I am participating in the eSTICC (eScience Tools for Investigating Climate Change at High Northern Latitudes) NordForsk-funded research project. As part of the project an impressing (or depressing) simulation of the Greenland ice sheet and climate change has been created (the simulations ran on a supercomputer located in Iceland) that shows the surface air temperature in the Arctic and Greenland glacier ice thickness, e.g. when will the Arctic sea ice be gone during summer (we got used to already now) and during winter (=no ice at the North pole in winter -- imagine this) according to the simulations:

We all should act:

• A carbon tax would be a strong incentive for all sectors to reduce CO2, so urge politicians to introduce a carbon tax. (The 2018 Nobel Prize in Economic Sciences was about the effects of a carbon tax on climate while still allowing economic growth.)

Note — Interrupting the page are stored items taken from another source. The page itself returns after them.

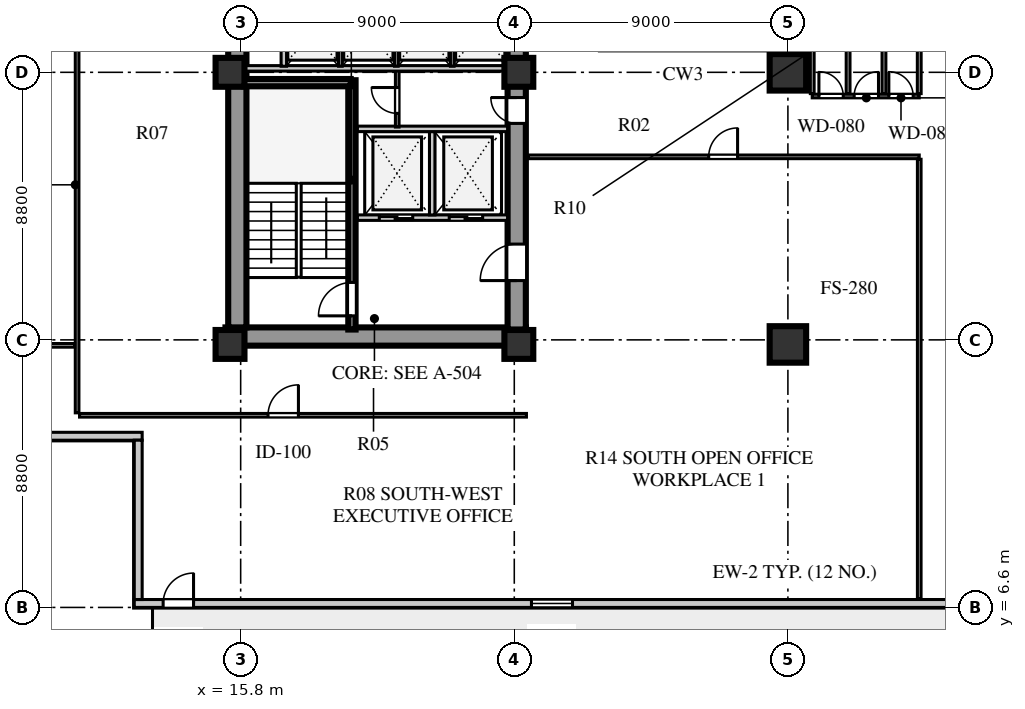
"""IFC4 building model, lengths in metres.
Left out: names, types, materials, properties, quantities, classifications, styles, units other than length and angle.
Written with IfcOpenShell. Run it as: python <this file> out.ifc"""

import sys

from ifc_helpers import new_model, si_unit, direction, frame, frame_2d, origin, origin_2d, place, context, subcontext, project, spatial, rectangle, extrude, element, fill, save


model = new_model("IFC4")
c1 = context("Model", 3, precision=1e-05, world=origin(), true_north=direction((0.0, 1.0)))
c2 = subcontext(c1, "Body", "Model", "MODEL_VIEW")
j1 = project(units=[si_unit("LENGTHUNIT", "METRE"), si_unit("PLANEANGLEUNIT", "RADIAN")], contexts=[c1])
p1 = place(None, origin())
s1 = spatial("IfcSite", under=j1, at=p1, CompositionType="ELEMENT")
p2 = place(p1, origin())
s2 = spatial("IfcBuilding", under=s1, at=p2, CompositionType="ELEMENT")
p3 = place(p2, frame((0.0, 0.0, 26.0)))
s3 = spatial("IfcBuildingStorey", under=s2, at=p3, CompositionType="ELEMENT", Elevation=26.0)
p4 = place(p3, frame((15.3, 15.51, 0.0), z_axis=(0.0, 0.0, 1.0), x_axis=(1.0, 0.0, 0.0)))
e1 = element("IfcWall", 1, at=p4, inside=s3, PredefinedType="SHEAR", context=c2, shape_type="SweptSolid", body=[
    extrude(rectangle(XDim=9.88, YDim=0.6, at=frame_2d((4.94, 0.0))), origin(), (0.0, 0.0, 1.0), 3.72),
])
p5 = place(p3, frame((15.69, 15.81, 0.0), z_axis=(0.0, 0.0, 1.0), x_axis=(0.0, 1.0, 0.0)))
e2 = element("IfcWall", 2, at=p5, inside=s3, PredefinedType="SHEAR", context=c2, shape_type="SweptSolid", body=[
    extrude(rectangle(XDim=25.63, YDim=0.6, at=frame_2d((12.815, 0.0))), origin(), (0.0, 0.0, 1.0), 3.72),
])
p6 = place(p3, frame((24.88, 15.74, 0.0), z_axis=(0.0, 0.0, 1.0), x_axis=(0.0, 1.0, 0.0)))
e3 = element("IfcWall", 3, at=p6, inside=s3, PredefinedType="SHEAR", context=c2, shape_type="SweptSolid", body=[
    extrude(rectangle(XDim=25.76, YDim=0.6, at=frame_2d((12.88, 0.0))), origin(), (0.0, 0.0, 1.0), 3.72),
])
p7 = place(p6, frame((1.61, 0.0, 0.0)))
e4 = element("IfcOpeningElement", 4, at=p7, cuts=e3, PredefinedType="OPENING", context=c2, shape_type="SweptSolid", body=[
    extrude(rectangle(XDim=1.2, YDim=2.1, at=frame_2d((0.6, 1.05))), frame((0.0, 0.31, 0.0), z_axis=(0.0, -1.0, 0.0), x_axis=(1.0, 0.0, 0.0)), (0.0, 0.0, 1.0), 0.62),
])
p8 = place(p6, frame((6.78, 0.0, 0.0)))
e5 = element("IfcOpeningElement", 5, at=p8, cuts=e3, PredefinedType="OPENING", context=c2, shape_type="SweptSolid", body=[
    extrude(rectangle(XDim=0.85, YDim=2.06, at=frame_2d((0.425, 1.03))), frame((0.0, 0.31, 0.0), z_axis=(0.0, -1.0, 0.0), x_axis=(1.0, 0.0, 0.0)), (0.0, 0.0, 1.0), 0.62),
])
p9 = place(p6, frame((12.11, 0.0, 0.0)))
e6 = element("IfcOpeningElement", 6, at=p9, cuts=e3, PredefinedType="OPENING", context=c2, shape_type="SweptSolid", body=[
    extrude(rectangle(XDim=1.5, YDim=2.12, at=frame_2d((0.75, 1.06))), frame((0.0, 0.31, 0.0), z_axis=(0.0, -1.0, 0.0), x_axis=(1.0, 0.0, 0.0)), (0.0, 0.0, 1.0), 0.62),
])
p10 = place(p6, frame((20.11, 0.0, 0.0)))
e7 = element("IfcOpeningElement", 7, at=p10, cuts=e3, PredefinedType="OPENING", context=c2, shape_type="SweptSolid", body=[
    extrude(rectangle(XDim=1.2, YDim=2.12, at=frame_2d((0.6, 1.06))), frame((0.0, 0.31, 0.0), z_axis=(0.0, -1.0, 0.0), x_axis=(1.0, 0.0, 0.0)), (0.0, 0.0, 1.0), 0.62),
])
p11 = place(p6, frame((24.01, 0.0, 0.0)))
e8 = element("IfcOpeningElement", 8, at=p11, cuts=e3, PredefinedType="OPENING", context=c2, shape_type="SweptSolid", body=[
    extrude(rectangle(XDim=0.95, YDim=2.1, at=frame_2d((0.475, 1.05))), frame((0.0, 0.31, 0.0), z_axis=(0.0, -1.0, 0.0), x_axis=(1.0, 0.0, 0.0)), (0.0, 0.0, 1.0), 0.62),
])
for number, where, z_axis, x_axis in (
    (9, (15.45, 15.25, 0.0), (0.0, 0.0, 1.0), (1.0, 0.0, 0.0)),
    (10, (15.45, 24.2, 0.0), (0.0, 0.0, 1.0), (1.0, 0.0, 0.0)),
    (11, (24.95, 15.25, 0.0), (0.0, 0.0, 1.0), (1.0, 0.0, 0.0)),
    (12, (24.95, 24.2, 0.0), (0.0, 0.0, 1.0), (1.0, 0.0, 0.0)),
):
    element("IfcColumn", number, at=place(p3, frame(where, z_axis=z_axis, x_axis=x_axis)), inside=s3, PredefinedType="COLUMN", context=c2, shape_type="SweptSolid", body=[
        extrude(rectangle(XDim=0.95, YDim=0.95, at=origin_2d()), origin(), (0.0, 0.0, 1.0), 3.72),
    ])
for number, where, z_axis, x_axis in (
    (13, (33.8, 15.25, 0.0), (0.0, 0.0, 1.0), (1.0, 0.0, 0.0)),
    (14, (33.8, 24.2, 0.0), (0.0, 0.0, 1.0), (1.0, 0.0, 0.0)),
):
    element("IfcColumn", number, at=place(p3, frame(where, z_axis=z_axis, x_axis=x_axis)), inside=s3, PredefinedType="COLUMN", context=c2, shape_type="SweptSolid", body=[
        extrude(rectangle(XDim=1.2, YDim=1.2, at=origin_2d()), origin(), (0.0, 0.0, 1.0), 3.72),
    ])
p12 = place(p3, frame((12.3, 6.73, 0.0), z_axis=(0.0, 0.0, 1.0), x_axis=(1.0, 0.0, 0.0)))
e15 = element("IfcWall", 15, at=p12, inside=s3, PredefinedType="SOLIDWALL", context=c2, shape_type="SweptSolid", body=[
    extrude(rectangle(XDim=34.0, YDim=0.26, at=frame_2d((17.0, 0.0))), origin(), (0.0, 0.0, 1.0), 3.72),
])
p13 = place(p12, frame((0.95, 0.0, 0.0)))
e16 = element("IfcOpeningElement", 16, at=p13, cuts=e15, PredefinedType="OPENING", context=c2, shape_type="SweptSolid", body=[
    extrude(rectangle(XDim=1.0, YDim=2.05, at=frame_2d((0.5, 1.025))), frame((0.0, 0.14, 0.0), z_axis=(0.0, -1.0, 0.0), x_axis=(1.0, 0.0, 0.0)), (0.0, 0.0, 1.0), 0.28),
])
p14 = place(p12, frame((13.065, 0.0, 0.8)))
e17 = element("IfcOpeningElement", 17, at=p14, cuts=e15, PredefinedType="OPENING", context=c2, shape_type="SweptSolid", body=[
    extrude(rectangle(XDim=1.35, YDim=1.9, at=frame_2d((0.675, 0.95))), frame((0.0, 0.14, 0.0), z_axis=(0.0, -1.0, 0.0), x_axis=(1.0, 0.0, 0.0)), (0.0, 0.0, 1.0), 0.28),
])
p15 = place(p12, frame((29.03, 0.0, 0.8)))
e18 = element("IfcOpeningElement", 18, at=p15, cuts=e15, PredefinedType="OPENING", context=c2, shape_type="SweptSolid", body=[
    extrude(rectangle(XDim=1.65, YDim=1.95, at=frame_2d((0.825, 0.975))), frame((0.0, 0.14, 0.0), z_axis=(0.0, -1.0, 0.0), x_axis=(1.0, 0.0, 0.0)), (0.0, 0.0, 1.0), 0.28),
])
p16 = place(p3, frame((6.8, 12.23, 0.0), z_axis=(0.0, 0.0, 1.0), x_axis=(1.0, 0.0, 0.0)))
e19 = element("IfcWall", 19, at=p16, inside=s3, PredefinedType="SOLIDWALL", context=c2, shape_type="SweptSolid", body=[
    extrude(rectangle(XDim=5.76, YDim=0.26, at=frame_2d((2.88, 0.0))), origin(), (0.0, 0.0, 1.0), 3.72),
])
p17 = place(p3, frame((12.43, 12.1, 0.0), z_axis=(0.0, 0.0, 1.0), x_axis=(0.0, -1.0, 0.0)))
e20 = element("IfcWall", 20, at=p17, inside=s3, PredefinedType="SOLIDWALL", context=c2, shape_type="SweptSolid", body=[
    extrude(rectangle(XDim=5.24, YDim=0.26, at=frame_2d((2.62, 0.0))), origin(), (0.0, 0.0, 1.0), 3.72),
])
p18 = place(p3, frame((19.46, 15.74, 0.0), z_axis=(0.0, 0.0, 1.0), x_axis=(0.0, 1.0, 0.0)))
e21 = element("IfcWall", 21, at=p18, inside=s3, PredefinedType="SHEAR", context=c2, shape_type="SweptSolid", body=[
    extrude(rectangle(XDim=8.2, YDim=0.24, at=frame_2d((4.1, 0.0))), origin(), (0.0, 0.0, 1.0), 4.0),
])
p19 = place(p18, frame((0.45, 0.0, 0.0)))
e22 = element("IfcOpeningElement", 22, at=p19, cuts=e21, PredefinedType="OPENING", context=c2, shape_type="SweptSolid", body=[
    extrude(rectangle(XDim=1.1, YDim=2.1, at=frame_2d((0.55, 1.05))), frame((0.0, 0.13, 0.0), z_axis=(0.0, -1.0, 0.0), x_axis=(1.0, 0.0, 0.0)), (0.0, 0.0, 1.0), 0.26),
])
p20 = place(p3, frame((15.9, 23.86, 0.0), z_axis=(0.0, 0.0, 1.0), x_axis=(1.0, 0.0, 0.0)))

• No joke: Consume less meat and milk products! What many do not have in mind is the climate impact of animal farming (for meat and dairy): e.g. cows emit a lot of methane (which has 28 times the impact on temperature of a carbon dioxide emission of the same mass).
• And finally: reduce flights! One transatlantic flight (back and forth) is in terms of CO2 comparable to one year of average car usage. While living on a far-away island like Iceland involves flying, at least compensate by CO2 offsetting, e.g. via atmosfair or myclimate.